Der zweite Fall war ein 75-jähriger Mann, bei dem eine plötzliche Schwäche der gesamten rechten Körperhälfte und schwere Wortfindungsstörungen aufgetreten waren. Fünfundvierzig Minuten nach Auftreten der ersten Symptome befand er sich bereits in der Klinik. „Nach der fokussierten Befragung und Untersuchung in der Notaufnahme, bestätigte die Computertomographie den Verdacht auf einen Schlaganfall – ausgelöst durch einen Blutgefäßverschluss, den wir in den peripheren Abschnitten einer wichtigen Hirnarterie lokalisierten konnten“, beschreibt der behandelnde Arzt die ersten Schritte. „Auch hier haben wir unverzüglich die medikamentöse Auflösung des Blutgerinnsels eingeleitet. Alle Schlaganfallsymptome bildeten sich binnen kurzer Zeit vollständig zurück“, blickt er zufrieden auf die erfolgreiche Therapie zurück. Nach mehrtägiger Behandlung konnte der Patient ohne bleibende neurologische Einschränkungen entlassen werden. „In diesem Fall kam allerdings keine Katheter-behandlung in Betracht, da der Blutgefäßverschluss zu weit vom Zentrum des Gehirns entfernt lag“, erläutert der Facharzt. „Leider gibt es Patienten, die zwar die entsprechenden Symptome wahrnehmen, aber Stunden oder, schlimmstenfalls, bis zum nächsten Morgen abwarten, bevor sie schließlich unsere Notaufnahme aufsuchen“, berichtet Dr. Strunk aus Erfahrung. „Je mehr Zeit verstreicht, desto unwahrscheinlicher ist es, dass eine anschließende Beschwerdefreiheit erreicht werden kann. Daher erinnert Dr. Strunk immer wieder an den Leitsatz: „Time is brain“ – „Zeit ist Hirn“.
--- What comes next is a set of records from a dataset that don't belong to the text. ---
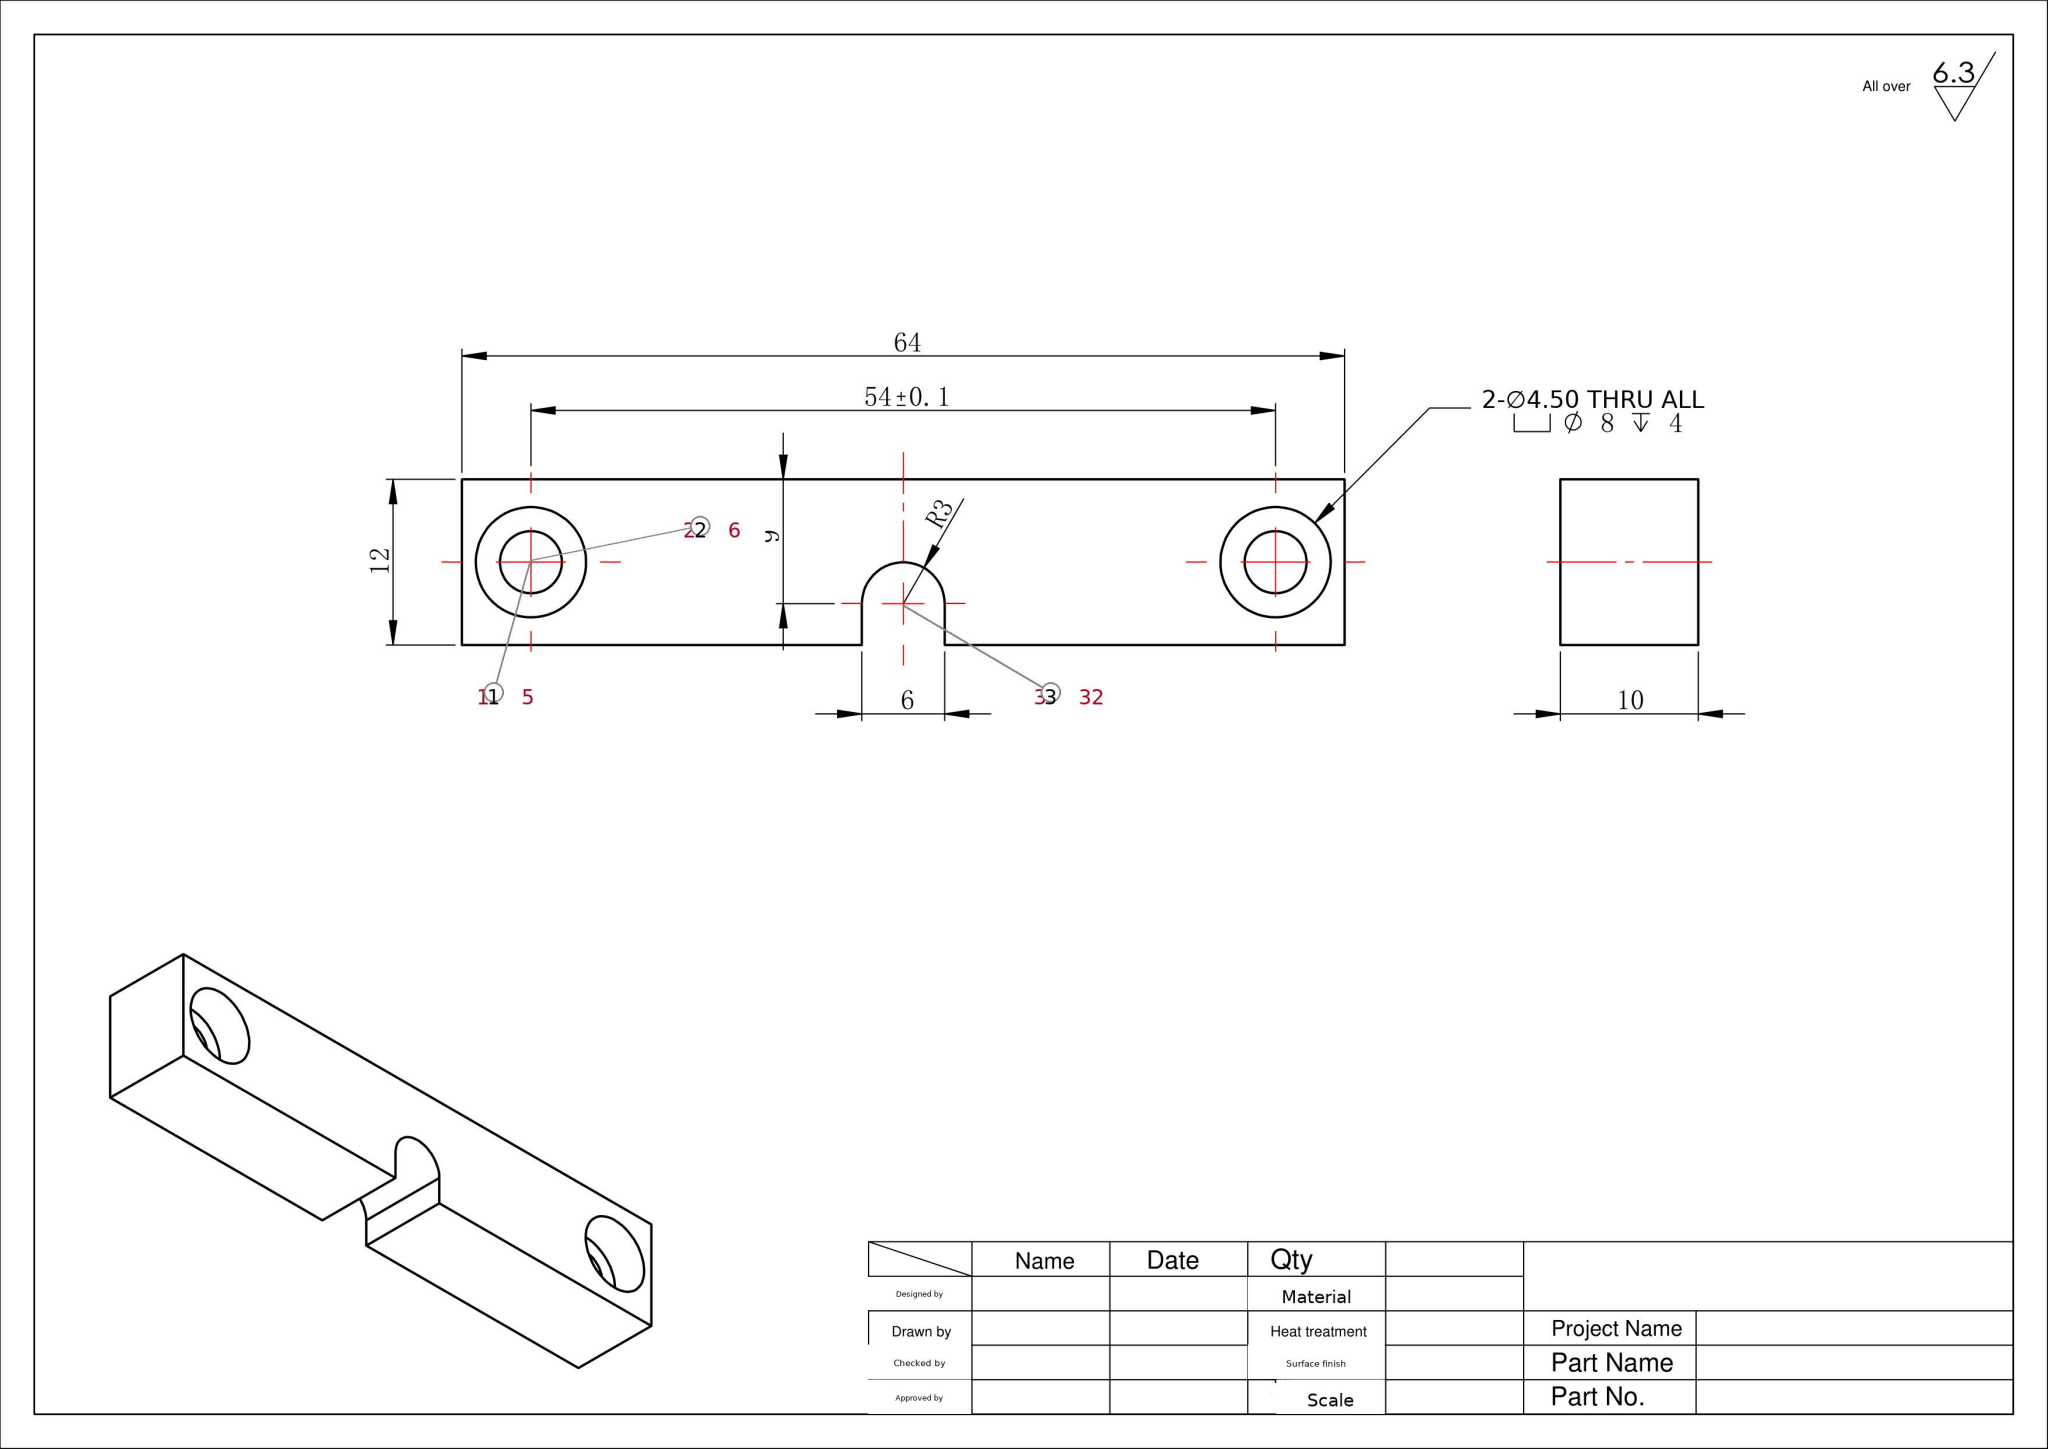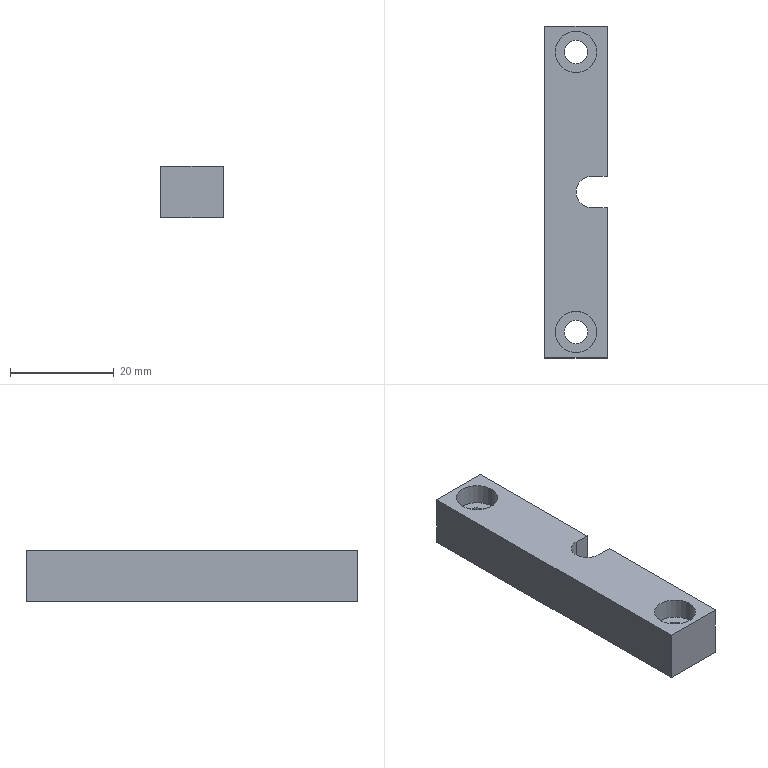Part | SolidWorks | mm | 1 solid | 20 faces | box 12 x 64 x 10 mm | volume 6766 mm3 | plane 11 | cylinder 9 | commonest cylinder face diameters 4.5 x4 8 x4 6 x1
build123d program:
from build123d import *

# Parameters (mm, degrees)
SKETCH1_W                                        = 12
SKETCH1_H                                        = 64
EXTRUDE1_DEPTH                                   = 10
CUT_EXTRUDE1_DEPTH                               = 66.879
M4_HEX_SOCKET_HEAD_CAP_SCREW_CBORE13_D           = 4.5
M4_HEX_SOCKET_HEAD_CAP_SCREW_CBORE13_CBORE_D     = 8
M4_HEX_SOCKET_HEAD_CAP_SCREW_CBORE13_CBORE_DEPTH = 4


with BuildPart() as part:
    # Sketch1 → Extrude1 (new body)
    with BuildSketch(Plane.XY):
        with Locations((6, 32)):
            Rectangle(SKETCH1_W, SKETCH1_H)
    extrude(amount=EXTRUDE1_DEPTH)

    # Sketch2 → Cut-Extrude1 (cut, through all)
    with BuildSketch(Plane.XY.offset(10)):
        with BuildLine():
            Line((9, 35), (14.637, 35))
            Line((14.637, 35), (14.637, 29))
            Line((14.637, 29), (9, 29))
            ThreePointArc((9, 29), (6, 32), (9, 35))
        make_face()
    extrude(amount=-CUT_EXTRUDE1_DEPTH, mode=Mode.SUBTRACT)

    # M4 Hex Socket Head Cap Screw CBORE13 (through all)
    with Locations(Plane(origin=(6, 59, 10), x_dir=(1, 0, 0), z_dir=(0, 0, 1))):
        with Locations((0, 0), (0, -54)):
            CounterBoreHole(M4_HEX_SOCKET_HEAD_CAP_SCREW_CBORE13_D / 2, M4_HEX_SOCKET_HEAD_CAP_SCREW_CBORE13_CBORE_D / 2, M4_HEX_SOCKET_HEAD_CAP_SCREW_CBORE13_CBORE_DEPTH)


solid = part.part
STEP:
#1=CARTESIAN_POINT('',(3.75,59.,0.));
#2=VERTEX_POINT('',#1);
#3=CARTESIAN_POINT('',(8.25,59.,0.));
#4=VERTEX_POINT('',#3);
#5=CARTESIAN_POINT('',(6.,59.,0.));
#6=DIRECTION('',(0.,0.,1.));
#7=DIRECTION('',(1.,0.,0.));
#8=AXIS2_PLACEMENT_3D('',#5,#6,#7);
#9=CIRCLE('',#8,2.25);
#10=EDGE_CURVE('',#2,#4,#9,.T.);
#11=ORIENTED_EDGE('',*,*,#10,.F.);
#12=CARTESIAN_POINT('',(3.75,59.,6.));
#13=VERTEX_POINT('',#12);
#14=CARTESIAN_POINT('',(3.75,59.,10.));
#15=DIRECTION('',(0.,0.,1.));
#16=VECTOR('',#15,1000.);
#17=LINE('',#14,#16);
#18=EDGE_CURVE('',#2,#13,#17,.T.);
#19=ORIENTED_EDGE('',*,*,#18,.T.);
#20=CARTESIAN_POINT('',(8.25,59.,6.));
#21=VERTEX_POINT('',#20);
#22=CARTESIAN_POINT('',(6.,59.,6.));
#23=DIRECTION('',(0.,0.,1.));
#24=DIRECTION('',(1.,0.,0.));
#25=AXIS2_PLACEMENT_3D('',#22,#23,#24);
#26=CIRCLE('',#25,2.25);
#27=EDGE_CURVE('',#13,#21,#26,.T.);
#28=ORIENTED_EDGE('',*,*,#27,.T.);
#29=CARTESIAN_POINT('',(8.25,59.,10.));
#30=DIRECTION('',(0.,0.,1.));
#31=VECTOR('',#30,1000.);
#32=LINE('',#29,#31);
#33=EDGE_CURVE('',#4,#21,#32,.T.);
#34=ORIENTED_EDGE('',*,*,#33,.F.);
#35=EDGE_LOOP('',(#11,#19,#28,#34));
#36=FACE_OUTER_BOUND('',#35,.T.);
#37=CARTESIAN_POINT('',(6.,59.,10.));
#38=DIRECTION('',(0.,0.,1.));
#39=DIRECTION('',(1.,0.,0.));
#40=AXIS2_PLACEMENT_3D('',#37,#38,#39);
#41=CYLINDRICAL_SURFACE('',#40,2.25);
#42=ADVANCED_FACE('',(#36),#41,.F.);
#43=CARTESIAN_POINT('',(2.,59.,6.));
#44=VERTEX_POINT('',#43);
#45=CARTESIAN_POINT('',(10.,59.,6.));
#46=VERTEX_POINT('',#45);
#47=CARTESIAN_POINT('',(6.,59.,6.));
#48=DIRECTION('',(0.,0.,1.));
#49=DIRECTION('',(1.,0.,0.));
#50=AXIS2_PLACEMENT_3D('',#47,#48,#49);
#51=CIRCLE('',#50,4.);
#52=EDGE_CURVE('',#44,#46,#51,.T.);
#53=ORIENTED_EDGE('',*,*,#52,.F.);
#54=CARTESIAN_POINT('',(2.,59.,10.));
#55=VERTEX_POINT('',#54);
#56=CARTESIAN_POINT('',(2.,59.,10.));
#57=DIRECTION('',(0.,0.,1.));
#58=VECTOR('',#57,1000.);
#59=LINE('',#56,#58);
#60=EDGE_CURVE('',#44,#55,#59,.T.);
#61=ORIENTED_EDGE('',*,*,#60,.T.);
#62=CARTESIAN_POINT('',(10.,59.,10.));
#63=VERTEX_POINT('',#62);
#64=CARTESIAN_POINT('',(6.,59.,10.));
#65=DIRECTION('',(0.,0.,1.));
#66=DIRECTION('',(1.,0.,0.));
#67=AXIS2_PLACEMENT_3D('',#64,#65,#66);
#68=CIRCLE('',#67,4.);
#69=EDGE_CURVE('',#55,#63,#68,.T.);
#70=ORIENTED_EDGE('',*,*,#69,.T.);
#71=CARTESIAN_POINT('',(10.,59.,10.));
#72=DIRECTION('',(0.,0.,1.));
#73=VECTOR('',#72,1000.);
#74=LINE('',#71,#73);
#75=EDGE_CURVE('',#46,#63,#74,.T.);
#76=ORIENTED_EDGE('',*,*,#75,.F.);
#77=EDGE_LOOP('',(#53,#61,#70,#76));
#78=FACE_OUTER_BOUND('',#77,.T.);
#79=CARTESIAN_POINT('',(6.,59.,10.));
#80=DIRECTION('',(0.,0.,1.));
#81=DIRECTION('',(1.,0.,0.));
#82=AXIS2_PLACEMENT_3D('',#79,#80,#81);
#83=CYLINDRICAL_SURFACE('',#82,4.);
#84=ADVANCED_FACE('',(#78),#83,.F.);
#85=CARTESIAN_POINT('',(3.75,5.,0.));
#86=VERTEX_POINT('',#85);
#87=CARTESIAN_POINT('',(8.25,5.,0.));
#88=VERTEX_POINT('',#87);
#89=CARTESIAN_POINT('',(6.,5.,0.));
#90=DIRECTION('',(0.,0.,1.));
#91=DIRECTION('',(1.,0.,0.));
#92=AXIS2_PLACEMENT_3D('',#89,#90,#91);
#93=CIRCLE('',#92,2.25);
#94=EDGE_CURVE('',#86,#88,#93,.T.);
#95=ORIENTED_EDGE('',*,*,#94,.F.);
#96=CARTESIAN_POINT('',(3.75,5.,6.));
#97=VERTEX_POINT('',#96);
#98=CARTESIAN_POINT('',(3.75,5.,10.));
#99=DIRECTION('',(0.,0.,1.));
#100=VECTOR('',#99,1000.);
#101=LINE('',#98,#100);
#102=EDGE_CURVE('',#86,#97,#101,.T.);
#103=ORIENTED_EDGE('',*,*,#102,.T.);
#104=CARTESIAN_POINT('',(8.25,5.,6.));
#105=VERTEX_POINT('',#104);
#106=CARTESIAN_POINT('',(6.,5.,6.));
#107=DIRECTION('',(0.,0.,1.));
#108=DIRECTION('',(1.,0.,0.));
#109=AXIS2_PLACEMENT_3D('',#106,#107,#108);
#110=CIRCLE('',#109,2.25);
#111=EDGE_CURVE('',#97,#105,#110,.T.);
#112=ORIENTED_EDGE('',*,*,#111,.T.);
#113=CARTESIAN_POINT('',(8.25,5.,10.));
#114=DIRECTION('',(0.,0.,1.));
#115=VECTOR('',#114,1000.);
#116=LINE('',#113,#115);
#117=EDGE_CURVE('',#88,#105,#116,.T.);
#118=ORIENTED_EDGE('',*,*,#117,.F.);
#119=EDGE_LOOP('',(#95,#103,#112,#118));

Diese Maxime berücksichtigte jüngst die Großmutter einer Mitarbeiterin des Klinikums Schwalmstadt in besonderer Weise: Als sie bereits zu Bett gehen wollte, bemerkte die 86-jährige Frau eine aufgetretene Lähmung der rechten Körperhälfte, die von einer Sekunde zur nächsten aufgetreten war. „Ich habe sofort einen Krankenwagen gerufen“, berichtet sie. Glücklicherweise hatte sie schon viel über das Verhalten bei einem Schlaganfall gelesen und hat deswegen sofort gehandelt.